Outside again, the most important of those present gave interviews. Mesrob Mutafian somehow managed to evade the journalists, and with a couple of attendants climbed most of the way up the hill that overlooks the northern end of the island.

Posters with the slogan "Tarihe saygi, kültüre saygi" (Respect the history, respect the culture) were on display in many locations throughout Van city. They were also on some street advertising in Ankara.

Patriarch Mesrob, his staff, and most of the delegation from the Republic of Armenia stayed at the Şahmaran hotel.

A huge Turkish flag, draped over one end of the island, was the first thing that greeted the visitors.

About a half-dozen boats were used to ferry the attendees across the lake to the island.

The opening ceremony began with a piano recital played by Tuluyhan Uğurlu and accompanied by images of the church projected onto a large screen.

The Armenian Patriarch of Istanbul, Mesrob II Mutafian, addressing the audience.

Above left, the governor of Van District, Özdemir Çakacak, addressing the audience. Above right, Mr Attila Koç, Minister of Culture and Tourism, presenting an award to Cahit Zeydanlı, the director of KaatalKaya.

The opening ribbon is about to be cut.

The ribbon is cut...

...and everyone crowds into the church.

The interior of the church.

Above left, Attila Koç, Minister of Culture and Tourism, being interviewed by many journalists.

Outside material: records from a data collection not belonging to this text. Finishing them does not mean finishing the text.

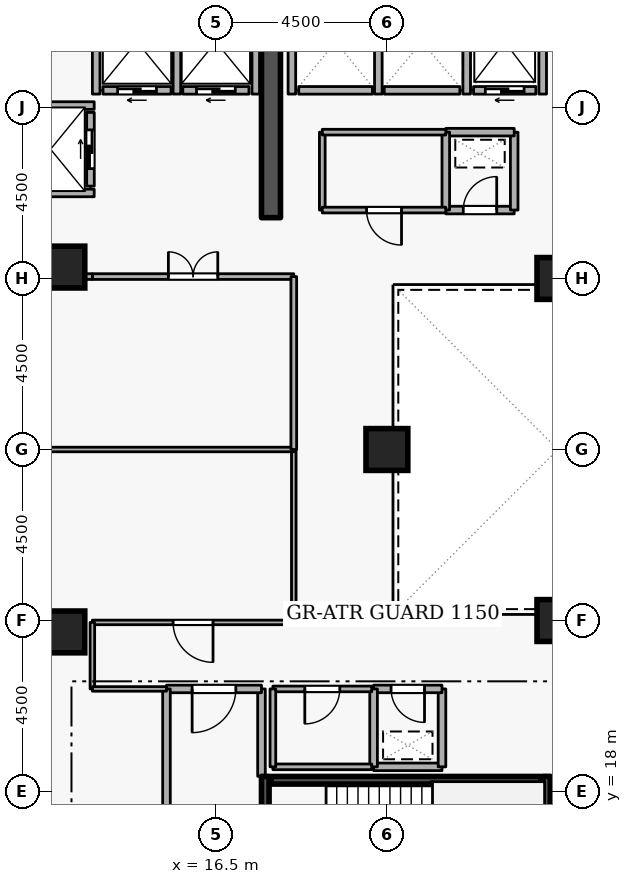
"""IFC4 building model, lengths in metres.
Left out: names, types, materials, properties, quantities, classifications, styles, units other than length and angle.
Written with IfcOpenShell. Run it as: python <this file> out.ifc"""

import sys

from ifc_helpers import new_model, si_unit, direction, frame, frame_2d, origin, origin_2d, place, context, subcontext, project, spatial, rectangle, extrude, element, fill, save


model = new_model("IFC4")
c1 = context("Model", 3, precision=1e-05, world=origin(), true_north=direction((0.0, 1.0)))
c2 = subcontext(c1, "Body", "Model", "MODEL_VIEW")
j1 = project(units=[si_unit("LENGTHUNIT", "METRE"), si_unit("PLANEANGLEUNIT", "RADIAN")], contexts=[c1])
p1 = place(None, origin())
s1 = spatial("IfcSite", under=j1, at=p1, CompositionType="ELEMENT")
p2 = place(p1, origin())
s2 = spatial("IfcBuilding", under=s1, at=p2, CompositionType="ELEMENT")
p3 = place(p2, frame((0.0, 0.0, 152.7)))
s3 = spatial("IfcBuildingStorey", under=s2, at=p3, CompositionType="ELEMENT", Elevation=152.7)
p4 = place(p3, frame((17.95, 33.1, 0.0), z_axis=(0.0, 0.0, 1.0), x_axis=(0.0, 1.0, 0.0)))
e1 = element("IfcWall", 1, at=p4, inside=s3, PredefinedType="SHEAR", context=c2, shape_type="SweptSolid", body=[
    extrude(rectangle(XDim=5.8, YDim=0.5, at=frame_2d((2.9, 0.0))), origin(), (0.0, 0.0, 1.0), 3.6),
])
for number, where, z_axis, x_axis in (
    (2, (12.5, 22.2, 0.0), (0.0, 0.0, 1.0), (1.0, 0.0, 0.0)),
    (3, (12.5, 31.8, 0.0), (0.0, 0.0, 1.0), (1.0, 0.0, 0.0)),
    (4, (25.5, 22.5, 0.0), (0.0, 0.0, 1.0), (1.0, 0.0, 0.0)),
    (5, (25.5, 31.5, 0.0), (0.0, 0.0, 1.0), (1.0, 0.0, 0.0)),
    (6, (21.0, 27.0, 0.0), (0.0, 0.0, 1.0), (1.0, 0.0, 0.0)),
):
    element("IfcColumn", number, at=place(p3, frame(where, z_axis=z_axis, x_axis=x_axis)), inside=s3, PredefinedType="COLUMN", context=c2, shape_type="SweptSolid", body=[
        extrude(rectangle(XDim=1.1, YDim=1.1, at=origin_2d()), origin(), (0.0, 0.0, 1.0), 3.6),
    ])
p5 = place(p3, frame((24.92, 36.45, 0.0), z_axis=(0.0, 0.0, 1.0), x_axis=(-1.0, 0.0, 0.0)))
e7 = element("IfcWall", 7, at=p5, inside=s3, PredefinedType="STANDARD", context=c2, shape_type="SweptSolid", body=[
    extrude(rectangle(XDim=1.64, YDim=0.2, at=frame_2d((0.82, 0.0))), origin(), (0.0, 0.0, 1.0), 3.34),
])
p6 = place(p5, frame((0.31, 0.0, 0.0)))
e8 = element("IfcOpeningElement", 8, at=p6, cuts=e7, PredefinedType="OPENING", context=c2, shape_type="SweptSolid", body=[
    extrude(rectangle(XDim=1.02, YDim=2.06, at=frame_2d((0.51, 1.03))), frame((0.0, 0.11, 0.0), z_axis=(0.0, -1.0, 0.0), x_axis=(1.0, 0.0, 0.0)), (0.0, 0.0, 1.0), 0.22),
])
p7 = place(p3, frame((22.92, 36.45, 0.0), z_axis=(0.0, 0.0, 1.0), x_axis=(-1.0, 0.0, 0.0)))
e9 = element("IfcWall", 9, at=p7, inside=s3, PredefinedType="STANDARD", context=c2, shape_type="SweptSolid", body=[
    extrude(rectangle(XDim=1.99, YDim=0.2, at=frame_2d((0.995, 0.0))), origin(), (0.0, 0.0, 1.0), 3.34),
])
p8 = place(p3, frame((20.62, 36.45, 0.0), z_axis=(0.0, 0.0, 1.0), x_axis=(-1.0, 0.0, 0.0)))
e10 = element("IfcWall", 10, at=p8, inside=s3, PredefinedType="STANDARD", context=c2, shape_type="SweptSolid", body=[
    extrude(rectangle(XDim=1.94, YDim=0.2, at=frame_2d((0.97, 0.0))), origin(), (0.0, 0.0, 1.0), 3.34),
])
p9 = place(p3, frame((17.37, 36.45, 0.0), z_axis=(0.0, 0.0, 1.0), x_axis=(-1.0, 0.0, 0.0)))
e11 = element("IfcWall", 11, at=p9, inside=s3, PredefinedType="STANDARD", context=c2, shape_type="SweptSolid", body=[
    extrude(rectangle(XDim=1.74, YDim=0.2, at=frame_2d((0.87, 0.0))), origin(), (0.0, 0.0, 1.0), 3.34),
])
p10 = place(p9, frame((0.36, 0.0, 0.0)))
e12 = element("IfcOpeningElement", 12, at=p10, cuts=e11, PredefinedType="OPENING", context=c2, shape_type="SweptSolid", body=[
    extrude(rectangle(XDim=1.02, YDim=2.06, at=frame_2d((0.51, 1.03))), frame((0.0, 0.11, 0.0), z_axis=(0.0, -1.0, 0.0), x_axis=(1.0, 0.0, 0.0)), (0.0, 0.0, 1.0), 0.22),
])
p11 = place(p3, frame((15.32, 36.45, 0.0), z_axis=(0.0, 0.0, 1.0), x_axis=(-1.0, 0.0, 0.0)))
e13 = element("IfcWall", 13, at=p11, inside=s3, PredefinedType="STANDARD", context=c2, shape_type="SweptSolid", body=[
    extrude(rectangle(XDim=1.79, YDim=0.2, at=frame_2d((0.895, 0.0))), origin(), (0.0, 0.0, 1.0), 3.34),
])
p12 = place(p11, frame((0.385, 0.0, 0.0)))
e14 = element("IfcOpeningElement", 14, at=p12, cuts=e13, PredefinedType="OPENING", context=c2, shape_type="SweptSolid", body=[
    extrude(rectangle(XDim=1.02, YDim=2.06, at=frame_2d((0.51, 1.03))), frame((0.0, 0.11, 0.0), z_axis=(0.0, -1.0, 0.0), x_axis=(1.0, 0.0, 0.0)), (0.0, 0.0, 1.0), 0.22),
])
p13 = place(p3, frame((13.2, 33.93, 0.0), z_axis=(0.0, 0.0, 1.0), x_axis=(0.0, 1.0, 0.0)))
e15 = element("IfcWall", 15, at=p13, inside=s3, PredefinedType="STANDARD", context=c2, shape_type="SweptSolid", body=[
    extrude(rectangle(XDim=1.94, YDim=0.2, at=frame_2d((0.97, 0.0))), origin(), (0.0, 0.0, 1.0), 3.34),
])
p14 = place(p13, frame((0.46, 0.0, 0.0)))
e16 = element("IfcOpeningElement", 16, at=p14, cuts=e15, PredefinedType="OPENING", context=c2, shape_type="SweptSolid", body=[
    extrude(rectangle(XDim=1.02, YDim=2.06, at=frame_2d((0.51, 1.03))), frame((0.0, 0.11, 0.0), z_axis=(0.0, -1.0, 0.0), x_axis=(1.0, 0.0, 0.0)), (0.0, 0.0, 1.0), 0.22),
])
for number, where, z_axis, x_axis in (
    (17, (25.1, 36.352, 0.0), (0.0, 0.0, 1.0), (0.0, 1.0, 0.0)),
    (18, (23.1, 36.352, 0.0), (0.0, 0.0, 1.0), (0.0, 1.0, 0.0)),
    (19, (20.775, 36.352, 0.0), (0.0, 0.0, 1.0), (0.0, 1.0, 0.0)),
    (20, (18.5, 36.352, 0.0), (0.0, 0.0, 1.0), (0.0, 1.0, 0.0)),
):
    element("IfcWall", number, at=place(p3, frame(where, z_axis=z_axis, x_axis=x_axis)), inside=s3, PredefinedType="STANDARD", context=c2, shape_type="SweptSolid", body=[
        extrude(rectangle(XDim=2.536, YDim=0.2, at=frame_2d((1.268, 0.0))), origin(), (0.0, 0.0, 1.0), 3.34),
    ])
p15 = place(p3, frame((17.55, 36.352, 0.0), z_axis=(0.0, 0.0, 1.0), x_axis=(0.0, 1.0, 0.0)))
e21 = element("IfcWall", 21, at=p15, inside=s3, PredefinedType="STANDARD", context=c2, shape_type="SweptSolid", body=[
    extrude(rectangle(XDim=2.636, YDim=0.2, at=frame_2d((1.318, 0.0))), origin(), (0.0, 0.0, 1.0), 2.545),
])
for number, where, z_axis, x_axis in (
    (22, (15.475, 36.352, 0.0), (0.0, 0.0, 1.0), (0.0, 1.0, 0.0)),
    (23, (13.35, 36.352, 0.0), (0.0, 0.0, 1.0), (0.0, 1.0, 0.0)),
):
    element("IfcWall", number, at=place(p3, frame(where, z_axis=z_axis, x_axis=x_axis)), inside=s3, PredefinedType="STANDARD", context=c2, shape_type="SweptSolid", body=[
        extrude(rectangle(XDim=2.636, YDim=0.2, at=frame_2d((1.318, 0.0))), origin(), (0.0, 0.0, 1.0), 3.34),
    ])
for number, where, z_axis, x_axis in (
    (24, (11.002, 36.05, 0.0), (0.0, 0.0, 1.0), (1.0, 0.0, 0.0)),
    (25, (11.002, 33.75, 0.0), (0.0, 0.0, 1.0), (1.0, 0.0, 0.0)),
):
    element("IfcWall", number, at=place(p3, frame(where, z_axis=z_axis, x_axis=x_axis)), inside=s3, PredefinedType="STANDARD", context=c2, shape_type="SweptSolid", body=[
        extrude(rectangle(XDim=2.296, YDim=0.2, at=frame_2d((1.148, 0.0))), origin(), (0.0, 0.0, 1.0), 3.34),
    ])
p16 = place(p3, frame((17.8, 15.05, 0.0), z_axis=(0.0, 0.0, 1.0), x_axis=(0.0, 1.0, 0.0)))
e26 = element("IfcWall", 26, at=p16, inside=s3, PredefinedType="SHEAR", context=c2, shape_type="SweptSolid", body=[
    extrude(rectangle(XDim=3.35, YDim=0.2, at=frame_2d((1.675, 0.0))), origin(), (0.0, 0.0, 1.0), 3.6),
])
p17 = place(p16, frame((1.125, 0.0, 0.0)))
e27 = element("IfcOpeningElement", 27, at=p17, cuts=e26, PredefinedType="OPENING", context=c2, shape_type="SweptSolid", body=[
    extrude(rectangle(XDim=1.1, YDim=2.1, at=frame_2d((0.55, 1.05))), frame((0.0, 0.11, 0.0), z_axis=(0.0, -1.0, 0.0), x_axis=(1.0, 0.0, 0.0)), (0.0, 0.0, 1.0), 0.22),
])
p18 = place(p3, frame((25.2, 18.4, 0.0), z_axis=(0.0, 0.0, 1.0), x_axis=(0.0, -1.0, 0.0)))
e28 = element("IfcWall", 28, at=p18, inside=s3, PredefinedType="SHEAR", context=c2, shape_type="SweptSolid", body=[
    extrude(rectangle(XDim=3.35, YDim=0.2, at=frame_2d((1.675, 0.0))), origin(), (0.0, 0.0, 1.0), 3.6),
])
p19 = place(p3, frame((25.05, 18.297, 0.0), z_axis=(0.0, 0.0, 1.0), x_axis=(-1.0, 0.0, 0.0)))
e29 = element("IfcWall", 29, at=p19, inside=s3, PredefinedType="SHEAR", context=c2, shape_type="SweptSolid", body=[
    extrude(rectangle(XDim=7.1, YDim=0.2, at=frame_2d((3.55, 0.0))), origin(), (0.0, 0.0, 1.0), 3.6),
])
p20 = place(p3, frame((17.7, 18.4, 0.0), z_axis=(0.0, 0.0, 1.0), x_axis=(0.0, 1.0, 0.0)))
e30 = element("IfcWall", 30, at=p20, inside=s3, PredefinedType="STANDARD", context=c2, shape_type="SweptSolid", body=[
    extrude(rectangle(XDim=2.3, YDim=0.2, at=frame_2d((1.15, 0.0))), origin(), (0.0, 0.0, 1.0), 2.545),
])
p21 = place(p3, frame((17.7, 20.7, 0.0), z_axis=(0.0, 0.0, 1.0), x_axis=(-1.0, 0.0, 0.0)))
e31 = element("IfcWall", 31, at=p21, inside=s3, PredefinedType="STANDARD", context=c2, shape_type="SweptSolid", body=[
    extrude(rectangle(XDim=2.5, YDim=0.2, at=frame_2d((1.25, 0.0))), origin(), (0.0, 0.0, 1.0), 3.34),
])
p22 = place(p21, frame((0.675, 0.0, 0.0)))
e32 = element("IfcOpeningElement", 32, at=p22, cuts=e31, PredefinedType="OPENING", context=c2, shape_type="SweptSolid", body=[
    extrude(rectangle(XDim=1.15, YDim=2.1, at=frame_2d((0.575, 1.05))), frame((0.0, 0.11, 0.0), z_axis=(0.0, -1.0, 0.0), x_axis=(1.0, 0.0, 0.0)), (0.0, 0.0, 1.0), 0.22),
])
p23 = place(p3, frame((15.2, 20.7, 0.0), z_axis=(0.0, 0.0, 1.0), x_axis=(0.0, -1.0, 0.0)))
e33 = element("IfcWall", 33, at=p23, inside=s3, PredefinedType="STANDARD", context=c2, shape_type="SweptSolid", body=[
    extrude(rectangle(XDim=5.7, YDim=0.2, at=frame_2d((2.85, 0.0))), origin(), (0.0, 0.0, 1.0), 3.34),
])
p24 = place(p3, frame((20.65, 18.65, 0.0), z_axis=(0.0, 0.0, 1.0), x_axis=(1.0, 0.0, 0.0)))
e34 = element("IfcWall", 34, at=p24, inside=s3, PredefinedType="STANDARD", context=c2, shape_type="SweptSolid", body=[
    extrude(rectangle(XDim=1.8, YDim=0.2, at=frame_2d((0.9, 0.0))), origin(), (0.0, 0.0, 1.0), 3.34),
])
p25 = place(p3, frame((22.45, 18.65, 0.0), z_axis=(0.0, 0.0, 1.0), x_axis=(0.0, 1.0, 0.0)))
e35 = element("IfcWall", 35, at=p25, inside=s3, PredefinedType="STANDARD", context=c2, shape_type="SweptSolid", body=[
    extrude(rectangle(XDim=2.05, YDim=0.2, at=frame_2d((1.025, 0.0))), origin(), (0.0, 0.0, 1.0), 3.34),
])
p26 = place(p3, frame((22.45, 20.7, 0.0), z_axis=(0.0, 0.0, 1.0), x_axis=(-1.0, 0.0, 0.0)))
e36 = element("IfcWall", 36, at=p26, inside=s3, PredefinedType="STANDARD", context=c2, shape_type="SweptSolid", body=[
    extrude(rectangle(XDim=1.8, YDim=0.2, at=frame_2d((0.9, 0.0))), origin(), (0.0, 0.0, 1.0), 3.34),
])
p27 = place(p26, frame((0.46, 0.0, 0.0)))
e37 = element("IfcOpeningElement", 37, at=p27, cuts=e36, PredefinedType="OPENING", context=c2, shape_type="SweptSolid", body=[
    extrude(rectangle(XDim=0.88, YDim=2.04, at=frame_2d((0.44, 1.02))), frame((0.0, 0.11, 0.0), z_axis=(0.0, -1.0, 0.0), x_axis=(1.0, 0.0, 0.0)), (0.0, 0.0, 1.0), 0.22),
])
p28 = place(p3, frame((20.65, 20.7, 0.0), z_axis=(0.0, 0.0, 1.0), x_axis=(0.0, -1.0, 0.0)))
e38 = element("IfcWall", 38, at=p28, inside=s3, PredefinedType="STANDARD", context=c2, shape_type="SweptSolid", body=[
    extrude(rectangle(XDim=2.05, YDim=0.2, at=frame_2d((1.025, 0.0))), origin(), (0.0, 0.0, 1.0), 3.34),
])
p29 = place(p3, frame((22.55, 33.3, 0.0), z_axis=(0.0, 0.0, 1.0), x_axis=(1.0, 0.0, 0.0)))
e39 = element("IfcWall", 39, at=p29, inside=s3, PredefinedType="STANDARD", context=c2, shape_type="SweptSolid", body=[
    extrude(rectangle(XDim=1.8, YDim=0.2, at=frame_2d((0.9, 0.0))), origin(), (0.0, 0.0, 1.0), 3.34),
])
p30 = place(p29, frame((0.46, 0.0, 0.0)))
e40 = element("IfcOpeningElement", 40, at=p30, cuts=e39, PredefinedType="OPENING", context=c2, shape_type="SweptSolid", body=[
    extrude(rectangle(XDim=0.88, YDim=2.04, at=frame_2d((0.44, 1.02))), frame((0.0, 0.11, 0.0), z_axis=(0.0, -1.0, 0.0), x_axis=(1.0, 0.0, 0.0)), (0.0, 0.0, 1.0), 0.22),
])
p31 = place(p3, frame((24.35, 33.3, 0.0), z_axis=(0.0, 0.0, 1.0), x_axis=(0.0, 1.0, 0.0)))
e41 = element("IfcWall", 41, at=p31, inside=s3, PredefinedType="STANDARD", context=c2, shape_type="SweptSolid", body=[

Above right, Gagik Giurjyan, deputy Minister of Culture and Youth of the Republic of Armenia, giving an interview to the Armenian TV station Shant.

Patriarch Mesrob Mutafian pictured outside the zhamatun of the church and then descending from the hill at the northern end of the island.

Attila Koç and Patriarch Mesrob Mutafian surrounded by cameramen and journalists on the boat returning from Aghtamar.

After the opening ceremony had ended, all the attendees were transported back across the lake by boat and taken by bus to the Şahmaran hotel for lunch. In the late afternoon, at about 4pm, those who had not left the Şahmaran hotel early to file their stories were taken by bus to Van castle. A tour was provided of the castle and the adjoining park that has several modern buildings constructed as traditional houses.

After this, Attila Koç, Özdemir Çakacak, and Gagik Gyurgian visited the site of the old town of Van and an Ottoman-period mosque that was undergoing restoration there. However, because of the increasing cold, only local officials and a few Turkish journalists accompanied them. Most of the foreign correspondents were then bussed out to the airport and returned by plane to Ankara or Istanbul that same evening. Most of the Turkish TV-crews and journalists left on Friday, with a few stragglers waiting until Saturday.